So let’s stick to real life, OK? It’s more relevant.
Growing up in a dance studio, we used the term “full-out” a lot. You could either mark your routine, which is basically half-assing it and being lazy and doing things that will certainly not help you on competition day — or you could, obviously, perform full-out in the rehearsal studio, just like you would on stage. Guess which one is more helpful when you’re going for the platinum medal?
This applies to real life. You see where I’m going with this right? This is not a story about my current inability to plié and grande jeté.
Real life. Fitness. Running. Go.
I’d consider this to be my first week “back” from the stomach-flu-that-turned-into-a-Crohn’s-flare-up saga. Am I truly “back?” No. Last night marked another major milestone though: I slept through the night! There was no 1 AM night sweat wakeup and no 3 AM mad dash for the bathroom. All was calm in Ali’s bed. Psyched!
Overall I’ve still got the nagging hip pain and the knee aches that come and go, and there are still times when my stomach alternates between feeling sweetly settled and in a complete state of disarray. But I’m convinced I’m on the upswing — and I’m convinced that has as much to do with the steroids as it does with my mentality.
After spending a ton of time in bed and not working over the past few weeks, it was easy to fall into a routine, even once my health started to improve. I had gotten really accustomed to staying in bed, and it was a wonderful place! The gym? Central Park? They’ll still be there when I feel like returning.
But this week, I forced myself to get back into it — slowly. I didn’t want to run too much on account of the knee and hip, so I did a good amount of cross training.
I did a Chisel class on Monday, in an attempt to get those “weak glutes” toned up. I did a spin class Tuesday, and then had two fantastically stop-free runs on Wednesday and Thursday. I find the more time I spend circling the Reservoir and the Bridle Path, the happier I am.
Last night I even forced myself into a yoga class at my beloved Crunch Gym.
And I mean, I don’t mean to brag, as Third Grade Ali would say, but I did go full-out in class last night. Usually I’m a major yoga slacker, if I even make it to class in the first place. I really didn’t even want to go last night, but then I remembered how my left side has been hurting lately, and I thought about how good a nice stretch would feel. I do enjoy yoga — except chair pose, which is loosely translated to arjdndrasankasa uriktava — and always leave on that breezy yoga high people talk about.
The yoga instructor, whose real name is Carl and whose yoga name is maybe something like Crouching Tiger Hidden Bow Pose, always offers variations on each pose. He shows us how to make it easier or more difficult, and often times I stick with the one-step-up-from-basic option. I don’t always attempt the binds or the arm balances or the tripod headstands, because I don’t want to fall and potentially injure myself (by myself I mean all the people around me who would be crushed when I fall on them).
But last night I was all, “You know what? I showed up to class today. I may as well make the most of it, right?”

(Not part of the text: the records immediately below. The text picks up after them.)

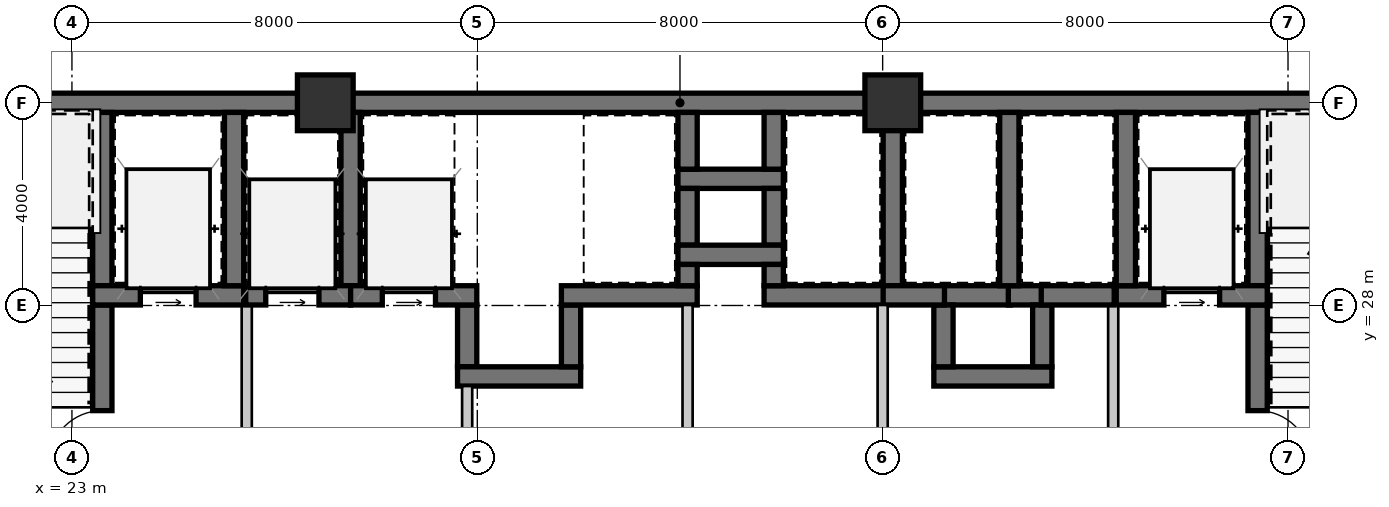
"""IFC4 building model, lengths in metres.
Left out: names, types, materials, properties, quantities, classifications, styles, units other than length and angle.
Written with IfcOpenShell. Run it as: python <this file> out.ifc"""

import sys

from ifc_helpers import new_model, si_unit, direction, frame, frame_2d, origin, origin_2d, place, context, subcontext, project, spatial, rectangle, extrude, source, transform, mapped, element, fill, save


model = new_model("IFC4")
c1 = context("Model", 3, precision=1e-05, world=origin(), true_north=direction((0.0, 1.0)))
c2 = subcontext(c1, "Body", "Model", "MODEL_VIEW")
j1 = project(units=[si_unit("LENGTHUNIT", "METRE"), si_unit("PLANEANGLEUNIT", "RADIAN")], contexts=[c1])
p1 = place(None, origin())
s1 = spatial("IfcSite", under=j1, at=p1, CompositionType="ELEMENT")
p2 = place(p1, origin())
s2 = spatial("IfcBuilding", under=s1, at=p2, CompositionType="ELEMENT")
p3 = place(p2, frame((0.0, 0.0, 8.4)))
s3 = spatial("IfcBuildingStorey", under=s2, at=p3, CompositionType="ELEMENT", Elevation=8.4)
m1 = source(origin(), c2, "Body", "SweptSolid", [
    extrude(rectangle(XDim=1.1, YDim=1.1, at=origin_2d()), origin(), (0.0, 0.0, 1.0), 4.55),
])
for number, where, z_axis, x_axis in (
    (1, (28.0, 32.0, 0.0), (0.0, 0.0, 1.0), (1.0, 0.0, 0.0)),
    (2, (39.2, 32.0, 0.0), (0.0, 0.0, 1.0), (1.0, 0.0, 0.0)),
):
    element("IfcColumn", number, at=place(p3, frame(where, z_axis=z_axis, x_axis=x_axis)), inside=s3, PredefinedType="COLUMN", context=c2, shape_type="MappedRepresentation", body=[
        mapped(m1, transform((0.0, 0.0, 0.0), scale=1.0)),
    ])
m2 = source(origin(), c2, "Body", "SweptSolid", [
    extrude(rectangle(XDim=9.19, YDim=0.38, at=frame_2d((4.595, 0.0))), origin(), (0.0, 0.0, 1.0), 4.29),
])
p4 = place(p3, frame((18.81, 32.0, 0.0), z_axis=(0.0, 0.0, 1.0), x_axis=(1.0, 0.0, 0.0)))
e3 = element("IfcWall", 3, at=p4, inside=s3, PredefinedType="SHEAR", context=c2, shape_type="MappedRepresentation", body=[
    mapped(m2, transform((0.0, 0.0, 0.0), scale=1.0)),
])
m3 = source(origin(), c2, "Body", "SweptSolid", [
    extrude(rectangle(XDim=11.2, YDim=0.38, at=frame_2d((5.6, 0.0))), origin(), (0.0, 0.0, 1.0), 4.29),
])
p5 = place(p3, frame((28.0, 32.0, 0.0), z_axis=(0.0, 0.0, 1.0), x_axis=(1.0, 0.0, 0.0)))
e4 = element("IfcWall", 4, at=p5, inside=s3, PredefinedType="SHEAR", context=c2, shape_type="MappedRepresentation", body=[
    mapped(m3, transform((0.0, 0.0, 0.0), scale=1.0)),
])
m4 = source(origin(), c2, "Body", "SweptSolid", [
    extrude(rectangle(XDim=11.99, YDim=0.38, at=frame_2d((5.995, 0.0))), origin(), (0.0, 0.0, 1.0), 4.29),
])
p6 = place(p3, frame((39.2, 32.0, 0.0), z_axis=(0.0, 0.0, 1.0), x_axis=(1.0, 0.0, 0.0)))
e5 = element("IfcWall", 5, at=p6, inside=s3, PredefinedType="SHEAR", context=c2, shape_type="MappedRepresentation", body=[
    mapped(m4, transform((0.0, 0.0, 0.0), scale=1.0)),
])
m5 = source(origin(), c2, "Body", "SweptSolid", [
    extrude(rectangle(XDim=3.42, YDim=0.38, at=frame_2d((1.71, 0.0))), origin(), (0.0, 0.0, 1.0), 4.29),
])
p7 = place(p3, frame((23.6, 28.39, 0.0), z_axis=(0.0, 0.0, 1.0), x_axis=(0.0, 1.0, 0.0)))
e6 = element("IfcWall", 6, at=p7, inside=s3, PredefinedType="SHEAR", context=c2, shape_type="MappedRepresentation", body=[
    mapped(m5, transform((0.0, 0.0, 0.0), scale=1.0)),
])
m6 = source(origin(), c2, "Body", "SweptSolid", [
    extrude(rectangle(XDim=3.82, YDim=0.38, at=frame_2d((1.91, 0.0))), origin(), (0.0, 0.0, 1.0), 4.29),
])
p8 = place(p3, frame((23.6, 24.19, 0.0), z_axis=(0.0, 0.0, 1.0), x_axis=(0.0, 1.0, 0.0)))
e7 = element("IfcWall", 7, at=p8, inside=s3, PredefinedType="SHEAR", context=c2, shape_type="MappedRepresentation", body=[
    mapped(m6, transform((0.0, 0.0, 0.0), scale=1.0)),
])
m7 = source(origin(), c2, "Body", "SweptSolid", [
    extrude(rectangle(XDim=1.05, YDim=2.1, at=frame_2d((0.525, 1.05))), frame((0.0, 0.2, 0.0), z_axis=(0.0, -1.0, 0.0), x_axis=(1.0, 0.0, 0.0)), (0.0, 0.0, 1.0), 0.4),
])
p9 = place(p8, frame((0.685, 0.0, 0.0)))
e8 = element("IfcOpeningElement", 8, at=p9, cuts=e7, PredefinedType="OPENING", context=c2, shape_type="MappedRepresentation", body=[
    mapped(m7, transform((0.0, 0.0, 0.0), scale=1.0)),
])
m8 = source(origin(), c2, "Body", "SweptSolid", [
    extrude(rectangle(XDim=2.98, YDim=0.38, at=frame_2d((1.49, 0.0))), origin(), (0.0, 0.0, 1.0), 4.29),
])
p10 = place(p3, frame((23.41, 28.2, 0.0), z_axis=(0.0, 0.0, 1.0), x_axis=(1.0, 0.0, 0.0)))
e9 = element("IfcWall", 9, at=p10, inside=s3, PredefinedType="SHEAR", context=c2, shape_type="MappedRepresentation", body=[
    mapped(m8, transform((0.0, 0.0, 0.0), scale=1.0)),
])
m9 = source(origin(), c2, "Body", "SweptSolid", [
    extrude(rectangle(XDim=1.1, YDim=2.15, at=frame_2d((0.55, 1.075))), frame((0.0, 0.2, 0.0), z_axis=(0.0, -1.0, 0.0), x_axis=(1.0, 0.0, 0.0)), (0.0, 0.0, 1.0), 0.4),
])
p11 = place(p10, frame((0.94, 0.0, 0.0)))
e10 = element("IfcOpeningElement", 10, at=p11, cuts=e9, PredefinedType="OPENING", context=c2, shape_type="MappedRepresentation", body=[
    mapped(m9, transform((0.0, 0.0, 0.0), scale=1.0)),
])
p12 = place(p3, frame((26.2, 28.39, 0.0), z_axis=(0.0, 0.0, 1.0), x_axis=(0.0, 1.0, 0.0)))
e11 = element("IfcWall", 11, at=p12, inside=s3, PredefinedType="SHEAR", context=c2, shape_type="MappedRepresentation", body=[
    mapped(m5, transform((0.0, 0.0, 0.0), scale=1.0)),
])
m10 = source(origin(), c2, "Body", "SweptSolid", [
    extrude(rectangle(XDim=3.91, YDim=0.2, at=frame_2d((1.955, 0.0))), origin(), (0.0, 0.0, 1.0), 4.29),
])
p13 = place(p3, frame((26.45, 24.1, 0.0), z_axis=(0.0, 0.0, 1.0), x_axis=(0.0, 1.0, 0.0)))
e12 = element("IfcWall", 12, at=p13, inside=s3, PredefinedType="SOLIDWALL", context=c2, shape_type="MappedRepresentation", body=[
    mapped(m10, transform((0.0, 0.0, 0.0), scale=1.0)),
])
p14 = place(p3, frame((46.4, 31.81, 0.0), z_axis=(0.0, 0.0, 1.0), x_axis=(0.0, -1.0, 0.0)))
e13 = element("IfcWall", 13, at=p14, inside=s3, PredefinedType="SHEAR", context=c2, shape_type="MappedRepresentation", body=[
    mapped(m5, transform((0.0, 0.0, 0.0), scale=1.0)),
])
p15 = place(p3, frame((46.4, 28.01, 0.0), z_axis=(0.0, 0.0, 1.0), x_axis=(0.0, -1.0, 0.0)))
e14 = element("IfcWall", 14, at=p15, inside=s3, PredefinedType="SHEAR", context=c2, shape_type="MappedRepresentation", body=[
    mapped(m6, transform((0.0, 0.0, 0.0), scale=1.0)),
])
p16 = place(p15, frame((2.085, 0.0, 0.0)))
e15 = element("IfcOpeningElement", 15, at=p16, cuts=e14, PredefinedType="OPENING", context=c2, shape_type="MappedRepresentation", body=[
    mapped(m7, transform((0.0, 0.0, 0.0), scale=1.0)),
])
p17 = place(p3, frame((43.61, 28.2, 0.0), z_axis=(0.0, 0.0, 1.0), x_axis=(1.0, 0.0, 0.0)))
e16 = element("IfcWall", 16, at=p17, inside=s3, PredefinedType="SHEAR", context=c2, shape_type="MappedRepresentation", body=[
    mapped(m8, transform((0.0, 0.0, 0.0), scale=1.0)),
])
p18 = place(p17, frame((0.94, 0.0, 0.0)))
e17 = element("IfcOpeningElement", 17, at=p18, cuts=e16, PredefinedType="OPENING", context=c2, shape_type="MappedRepresentation", body=[
    mapped(m9, transform((0.0, 0.0, 0.0), scale=1.0)),
])
p19 = place(p3, frame((43.8, 31.81, 0.0), z_axis=(0.0, 0.0, 1.0), x_axis=(0.0, -1.0, 0.0)))
e18 = element("IfcWall", 18, at=p19, inside=s3, PredefinedType="SHEAR", context=c2, shape_type="MappedRepresentation", body=[
    mapped(m5, transform((0.0, 0.0, 0.0), scale=1.0)),
])
p20 = place(p3, frame((43.55, 28.01, 0.0), z_axis=(0.0, 0.0, 1.0), x_axis=(0.0, -1.0, 0.0)))
e19 = element("IfcWall", 19, at=p20, inside=s3, PredefinedType="SOLIDWALL", context=c2, shape_type="MappedRepresentation", body=[
    mapped(m10, transform((0.0, 0.0, 0.0), scale=1.0)),
])
m11 = source(origin(), c2, "Body", "SweptSolid", [
    extrude(rectangle(XDim=2.08, YDim=0.38, at=frame_2d((1.04, 0.0))), origin(), (0.0, 0.0, 1.0), 4.29),
])
p21 = place(p3, frame((34.96, 30.5, 0.0), z_axis=(0.0, 0.0, 1.0), x_axis=(1.0, 0.0, 0.0)))
e20 = element("IfcWall", 20, at=p21, inside=s3, PredefinedType="SHEAR", context=c2, shape_type="MappedRepresentation", body=[
    mapped(m11, transform((0.0, 0.0, 0.0), scale=1.0)),
])
m12 = source(origin(), c2, "Body", "SweptSolid", [
    extrude(rectangle(XDim=1.12, YDim=0.38, at=frame_2d((0.56, 0.0))), origin(), (0.0, 0.0, 1.0), 4.29),
])
for number, where, z_axis, x_axis in (
    (21, (35.15, 31.81, 0.0), (0.0, 0.0, 1.0), (0.0, -1.0, 0.0)),
    (22, (36.85, 30.69, 0.0), (0.0, 0.0, 1.0), (0.0, 1.0, 0.0)),
    (23, (35.15, 30.31, 0.0), (0.0, 0.0, 1.0), (0.0, -1.0, 0.0)),
    (24, (36.85, 29.19, 0.0), (0.0, 0.0, 1.0), (0.0, 1.0, 0.0)),
):
    element("IfcWall", number, at=place(p3, frame(where, z_axis=z_axis, x_axis=x_axis)), inside=s3, PredefinedType="SHEAR", context=c2, shape_type="MappedRepresentation", body=[
        mapped(m12, transform((0.0, 0.0, 0.0), scale=1.0)),
    ])
p22 = place(p3, frame((34.96, 29.0, 0.0), z_axis=(0.0, 0.0, 1.0), x_axis=(1.0, 0.0, 0.0)))
e25 = element("IfcWall", 25, at=p22, inside=s3, PredefinedType="SHEAR", context=c2, shape_type="MappedRepresentation", body=[
    mapped(m11, transform((0.0, 0.0, 0.0), scale=1.0)),
])
m13 = source(origin(), c2, "Body", "SweptSolid", [
    extrude(rectangle(XDim=1.22, YDim=0.38, at=frame_2d((0.61, 0.0))), origin(), (0.0, 0.0, 1.0), 4.29),
])
p23 = place(p3, frame((30.8, 28.01, 0.0), z_axis=(0.0, 0.0, 1.0), x_axis=(0.0, -1.0, 0.0)))
e26 = element("IfcWall", 26, at=p23, inside=s3, PredefinedType="SHEAR", context=c2, shape_type="MappedRepresentation", body=[
    mapped(m13, transform((0.0, 0.0, 0.0), scale=1.0)),
])
m14 = source(origin(), c2, "Body", "SweptSolid", [
    extrude(rectangle(XDim=2.43, YDim=0.38, at=frame_2d((1.215, 0.0))), origin(), (0.0, 0.0, 1.0), 4.29),
])
p24 = place(p3, frame((30.61, 26.6, 0.0), z_axis=(0.0, 0.0, 1.0), x_axis=(1.0, 0.0, 0.0)))
e27 = element("IfcWall", 27, at=p24, inside=s3, PredefinedType="SHEAR", context=c2, shape_type="MappedRepresentation", body=[
    mapped(m14, transform((0.0, 0.0, 0.0), scale=1.0)),
])
p25 = place(p3, frame((32.85, 26.79, 0.0), z_axis=(0.0, 0.0, 1.0), x_axis=(0.0, 1.0, 0.0)))
e28 = element("IfcWall", 28, at=p25, inside=s3, PredefinedType="SHEAR", context=c2, shape_type="MappedRepresentation", body=[
    mapped(m13, transform((0.0, 0.0, 0.0), scale=1.0)),
])
m15 = source(origin(), c2, "Body", "SweptSolid", [
    extrude(rectangle(XDim=1.32, YDim=0.38, at=frame_2d((0.66, 0.0))), origin(), (0.0, 0.0, 1.0), 4.29),
])
p26 = place(p3, frame((41.52, 28.2, 0.0), z_axis=(0.0, 0.0, 1.0), x_axis=(-1.0, 0.0, 0.0)))
e29 = element("IfcWall", 29, at=p26, inside=s3, PredefinedType="SHEAR", context=c2, shape_type="MappedRepresentation", body=[
    mapped(m15, transform((0.0, 0.0, 0.0), scale=1.0)),
])
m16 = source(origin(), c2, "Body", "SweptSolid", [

And so I bow posed and I binded. When we had the option of doing backbend hip lift plow pose something or going into wheel pose, I became a human wheel. I went for it.
And crow pose — that scary-looking one where you balance up on your forearms — I held that for a solid 30 seconds.
Is that not impressive?
Dang it. I felt good about it.
Usually I’m wobbly and I fall, but Instructor Carl The Great taught me to shift my focus forward instead of down by my feet, and boom! Balance was achieved.
This week, as much as I’m trying to be in tune with my body and how it’s feeling so as not to push it too hard right away, it has felt really good getting back into my sweat routine. I’d like to be running more, but in the meantime, I’m loving doing these other things.
I could have slept in this morning, but instead I went to a spin class. Every time the instructor — Ben T. — said to turn up the resistance, I turned it way up. I again had that same mentality (uh, especially after he demanded that we “not bullshit this morning”) that I showed up, I may as well push myself.
And now I must say, I feel pretty dang good. I’ve got a few days of drugs cruising through my system, I’m foam rolling, I’m icing and I feel like I’m making a decent effort to take care of myself and not overdo it. Hard two-a-day workouts? Yeah, I miss them. But this is the smart move right now. I’m sure my body will thank me eventually. Maybe. Probably not.
In final news, I booked it to the office this morning with a massive massive suitcase in tow containing everything I don’t want to move to my new apartment and would rather stash at my mom and dad’s house until they move someday (hopefully never) and make me take it all back. I haven’t seen my family since Christmas and I miss them. My love for them has always been evident:
I’m kind of hoping that I can do some data entry or something for my dad tomorrow, because apparently that’s what I used to do for him (the “accontant”) and I brought in some serious cash. Dad, I’ve upped my charge, but we can discuss. It’s negotiable.
Back to my point, because I think I was on my way to making one…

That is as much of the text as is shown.